O mal menor em 1982 era Franco Montoro do MDB. Era ele o candidato a governador contra ninguém menos do que Maluf, o famigerado. Só que Lula era, também, candidato e chegou aos 10%. O impulso da campanha de 1982 foi chave para que o PT tivesse a iniciativa de chamar o comício de novembro de 1983, na Praça Charles Miller no Pacaembu, sob a bandeira Diretas Já. Sem esta iniciativa, como está bem documentado no livro de Dante de Oliveira e Domingos Leonelli, o comício de 25 de janeiro na Praça da Sé não teria sido chamado, e milhões não teriam saído às ruas para desafiar a ditadura. Nos vinte anos anteriores o MDB nunca chamou o povo às ruas para tentar derrubar a ditadura.



Em 1984, o mal menor era Tancredo Neves, candidato no Colégio Eleitoral, com Sarney de vice. E o PT chamou ao boicote.
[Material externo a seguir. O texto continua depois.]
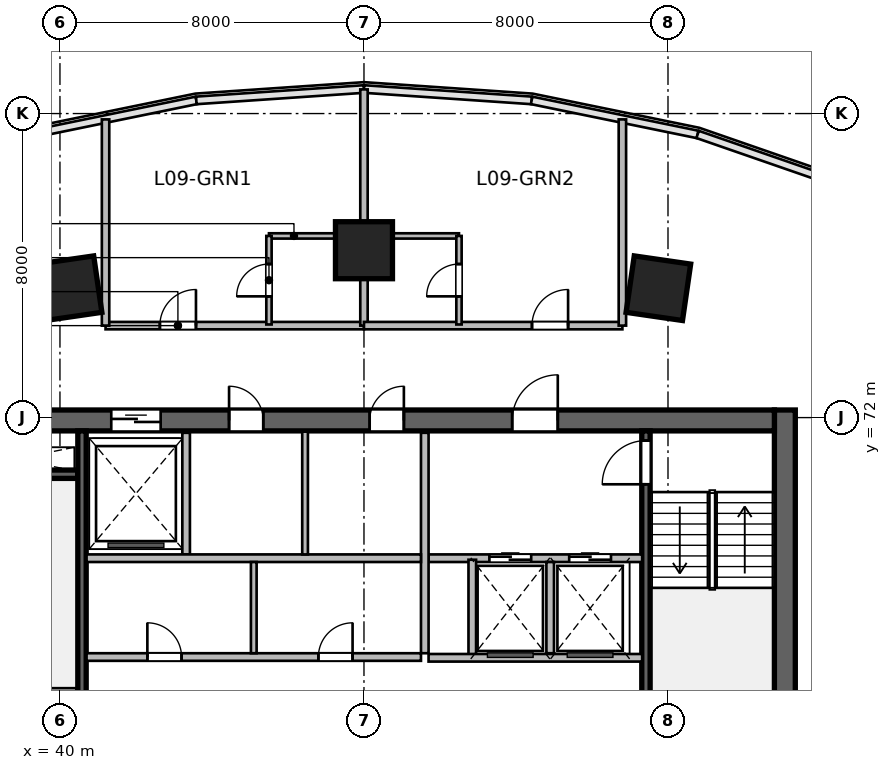
"""IFC4 building model, lengths in metres.
Left out: names, types, materials, properties, quantities, classifications, styles, units other than length and angle.
Written with IfcOpenShell. Run it as: python <this file> out.ifc"""

import sys

from ifc_helpers import new_model, si_unit, direction, frame, frame_2d, origin, origin_2d, place, context, subcontext, project, spatial, rectangle, extrude, source, transform, mapped, element, fill, save


model = new_model("IFC4")
c1 = context("Model", 3, precision=1e-05, world=origin(), true_north=direction((0.0, 1.0)))
c2 = subcontext(c1, "Body", "Model", "MODEL_VIEW")
j1 = project(units=[si_unit("LENGTHUNIT", "METRE"), si_unit("PLANEANGLEUNIT", "RADIAN")], contexts=[c1])
p1 = place(None, origin())
s1 = spatial("IfcSite", under=j1, at=p1, CompositionType="ELEMENT")
p2 = place(p1, origin())
s2 = spatial("IfcBuilding", under=s1, at=p2, CompositionType="ELEMENT")
p3 = place(p2, frame((0.0, 0.0, 46.2)))
s3 = spatial("IfcBuildingStorey", under=s2, at=p3, CompositionType="ELEMENT", Elevation=46.2)
m1 = source(origin(), c2, "Body", "SweptSolid", [
    extrude(rectangle(XDim=12.0, YDim=0.55, at=frame_2d((6.0, 0.0))), origin(), (0.0, 0.0, 1.0), 3.6),
])
p4 = place(p3, frame((59.075, 60.2, 0.0), z_axis=(0.0, 0.0, 1.0), x_axis=(0.0, 1.0, 0.0)))
e1 = element("IfcWall", 1, at=p4, inside=s3, PredefinedType="SHEAR", context=c2, shape_type="MappedRepresentation", body=[
    mapped(m1, transform((0.0, 0.0, 0.0), scale=1.0)),
])
m2 = source(origin(), c2, "Body", "SweptSolid", [
    extrude(rectangle(XDim=21.6, YDim=0.55, at=frame_2d((10.8, 0.0))), origin(), (0.0, 0.0, 1.0), 3.6),
])
p5 = place(p3, frame((37.2, 71.925, 0.0), z_axis=(0.0, 0.0, 1.0), x_axis=(1.0, 0.0, 0.0)))
e2 = element("IfcWall", 2, at=p5, inside=s3, PredefinedType="SHEAR", context=c2, shape_type="MappedRepresentation", body=[
    mapped(m2, transform((0.0, 0.0, 0.0), scale=1.0)),
])
p6 = place(p5, frame((1.2, 0.0, 0.0)))
e3 = element("IfcOpeningElement", 3, at=p6, cuts=e2, PredefinedType="OPENING", context=c2, shape_type="SweptSolid", body=[
    extrude(rectangle(XDim=0.9, YDim=2.1, at=frame_2d((0.45, 1.05))), frame((0.0, 0.285, 0.0), z_axis=(0.0, -1.0, 0.0), x_axis=(1.0, 0.0, 0.0)), (0.0, 0.0, 1.0), 0.57),
])
p7 = place(p5, frame((14.7, 0.0, 0.0)))
e4 = element("IfcOpeningElement", 4, at=p7, cuts=e2, PredefinedType="OPENING", context=c2, shape_type="SweptSolid", body=[
    extrude(rectangle(XDim=1.2, YDim=2.15, at=frame_2d((0.6, 1.075))), frame((0.0, 0.285, 0.0), z_axis=(0.0, -1.0, 0.0), x_axis=(1.0, 0.0, 0.0)), (0.0, 0.0, 1.0), 0.57),
])
p8 = place(p5, frame((4.15, 0.0, 0.0)))
e5 = element("IfcOpeningElement", 5, at=p8, cuts=e2, PredefinedType="OPENING", context=c2, shape_type="SweptSolid", body=[
    extrude(rectangle(XDim=1.3, YDim=2.15, at=frame_2d((0.65, 1.075))), frame((0.0, 0.285, 0.0), z_axis=(0.0, -1.0, 0.0), x_axis=(1.0, 0.0, 0.0)), (0.0, 0.0, 1.0), 0.57),
])
p9 = place(p5, frame((7.25, 0.0, 0.0)))
e6 = element("IfcOpeningElement", 6, at=p9, cuts=e2, PredefinedType="OPENING", context=c2, shape_type="SweptSolid", body=[
    extrude(rectangle(XDim=0.9, YDim=2.1, at=frame_2d((0.45, 1.05))), frame((0.0, 0.285, 0.0), z_axis=(0.0, -1.0, 0.0), x_axis=(1.0, 0.0, 0.0)), (0.0, 0.0, 1.0), 0.57),
])
p10 = place(p5, frame((10.95, 0.0, 0.0)))
e7 = element("IfcOpeningElement", 7, at=p10, cuts=e2, PredefinedType="OPENING", context=c2, shape_type="SweptSolid", body=[
    extrude(rectangle(XDim=0.9, YDim=2.1, at=frame_2d((0.45, 1.05))), frame((0.0, 0.285, 0.0), z_axis=(0.0, -1.0, 0.0), x_axis=(1.0, 0.0, 0.0)), (0.0, 0.0, 1.0), 0.57),
])
m3 = source(origin(), c2, "Body", "SweptSolid", [
    extrude(rectangle(XDim=3.27, YDim=0.22, at=frame_2d((1.635, 0.0))), origin(), (0.0, 0.0, 1.0), 3.6),
])
p11 = place(p3, frame((37.2, 70.51, 0.0), z_axis=(0.0, 0.0, 1.0), x_axis=(1.0, 0.0, 0.0)))
e8 = element("IfcWall", 8, at=p11, inside=s3, PredefinedType="SHEAR", context=c2, shape_type="MappedRepresentation", body=[
    mapped(m3, transform((0.0, 0.0, 0.0), scale=1.0)),
])
m4 = source(origin(), c2, "Body", "SweptSolid", [
    extrude(rectangle(XDim=10.9, YDim=0.22, at=frame_2d((5.45, 0.0))), origin(), (0.0, 0.0, 1.0), 3.6),
])
p12 = place(p3, frame((40.58, 60.75, 0.0), z_axis=(0.0, 0.0, 1.0), x_axis=(0.0, 1.0, 0.0)))
e9 = element("IfcWall", 9, at=p12, inside=s3, PredefinedType="SHEAR", context=c2, shape_type="MappedRepresentation", body=[
    mapped(m4, transform((0.0, 0.0, 0.0), scale=1.0)),
])
p13 = place(p3, frame((55.42, 60.75, 0.0), z_axis=(0.0, 0.0, 1.0), x_axis=(0.0, 1.0, 0.0)))
e10 = element("IfcWall", 10, at=p13, inside=s3, PredefinedType="SHEAR", context=c2, shape_type="MappedRepresentation", body=[
    mapped(m4, transform((0.0, 0.0, 0.0), scale=1.0)),
])
p14 = place(p13, frame((9.495, 0.0, 0.0)))
e11 = element("IfcOpeningElement", 11, at=p14, cuts=e10, PredefinedType="OPENING", context=c2, shape_type="SweptSolid", body=[
    extrude(rectangle(XDim=1.15, YDim=2.15, at=frame_2d((0.575, 1.075))), frame((0.0, 0.12, 0.0), z_axis=(0.0, -1.0, 0.0), x_axis=(1.0, 0.0, 0.0)), (0.0, 0.0, 1.0), 0.24),
])
m5 = source(origin(), c2, "Body", "SweptSolid", [
    extrude(rectangle(XDim=1.5, YDim=1.5, at=origin_2d()), origin(), (0.0, 0.0, 1.0), 3.6),
])
for number, where, z_axis, x_axis in (
    (12, (40.253, 75.404, 0.0), (0.0, 0.0, 1.0), (-0.143, 0.99, 0.0)),
    (13, (48.0, 76.404, 0.0), (0.0, 0.0, 1.0), (0.0, 1.0, 0.0)),
    (14, (55.747, 75.404, 0.0), (0.0, 0.0, 1.0), (0.143, 0.99, 0.0)),
):
    element("IfcColumn", number, at=place(p3, frame(where, z_axis=z_axis, x_axis=x_axis)), inside=s3, PredefinedType="COLUMN", context=c2, shape_type="MappedRepresentation", body=[
        mapped(m5, transform((0.0, 0.0, 0.0), scale=1.0)),
    ])
m6 = source(origin(), c2, "Body", "SweptSolid", [
    extrude(rectangle(XDim=5.62, YDim=0.2, at=frame_2d((2.81, 0.0))), origin(), (0.0, 0.0, 1.0), 3.36),
])
p15 = place(p3, frame((49.7, 68.3, 0.0), z_axis=(0.0, 0.0, 1.0), x_axis=(1.0, 0.0, 0.0)))
e15 = element("IfcWall", 15, at=p15, inside=s3, PredefinedType="SOLIDWALL", context=c2, shape_type="MappedRepresentation", body=[
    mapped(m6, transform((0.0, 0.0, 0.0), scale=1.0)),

Se o PT tivesse apoiado Tancredo Neves, e participado do governo Sarney, a esquerda não existiria com peso de massas nas duas décadas seguintes. O PT teria se desmoralizado.



Em 1986, o mal menor era Orestes Quércia, o candidato do PMDB e do plano Cruzado, de novo contra Maluf. Pelo PT, Suplicy chegou aos 11%, criticando o plano Cruzado, que desmoronou seis meses depois da eleição. Só que Quércia ficou, e deixou como herdeiro, em 1990, o Fleury e o massacre do Carandiru. O mal menor contra Maluf, em 1988, era Serra, mas Luísa Erundina do PT venceu, porque na véspera das eleições Sarney mandou invadir a CSN em Volta Redonda, e três operários foram assassinados. Não morreram em vão. Em fevereiro de 1989, a greve geral contra o Plano Verão, de Maílson da Nóbrega, a maior da história, abriu o caminho para legitimar Lula no segundo turno.



Voto útil



Resumo da ópera: o voto só é útil quando não votamos contra nós mesmos, contra nossos interesses. Nenhum representante dos interesses da Avenida Paulista e Faria Lima é menos “mal”. Não tem sentido escolher quem quer te empurrar do terceiro andar, porque o candidato mais feroz quer te empurrar do décimo. Isso não é escolha. É uma armadilha.



As ideias e propostas dos neofascistas ganharam audiência nos últimos dois anos. Mas existem reservas nos batalhões mais organizados dos trabalhadores e da juventude. Existe uma força social muito mais poderosa que o desespero confuso e desorientado dos que clamam por uma “intervenção militar”. Nada é mais poderoso do que a força social desta maioria explorada e oprimida quando abraça com paixão e esperança uma luta justa. Ela pode ser despertada. Ela precisa ser chamada às ruas para lutar. Esse deve ser o papel da esquerda. Este tem sido o lugar da campanha Boulos/Sonia Guajajara.



Mas é necessário que o maior partido da esquerda acorde do seu sonambolismo. O PT tem o direito de apresentar Lula como o seu candidato à presidência. Mas a direção do PT tem, também, o dever de encabeçar a luta contra Bolsonaro. Isso significa, neste momento, dar um passo em frente. Cabe ao PT responder ao apelo que o PSOL tem feito por uma frente única de toda a esquerda contra os neofascistas.




Valerio Arcary

É professor titular do IFSP. Doutor em história pela USP, estudou na Universidade de Paris e Lisboa entre 1974/78, participou da revolução portuguesa, voltou ao Brasil e se uniu à Convergência Socialista, esteve presente na reconstrução da UNE em Salvador em 1979, na fundação do PT em 1980 e da CUT em 1983, sendo secretário-geral da CUT/São Paulo entre 1985/86. Atuou na Apeoesp entre 1983/90, foi membro da Executiva Nacional do PT entre 1989/92, e foi presidente nacional do PSTU entre 1993/98 e, desde 2016 é membro da Coordenação Nacional do MAIS/PSOL. É autor de O martelo da história, entre outros livros.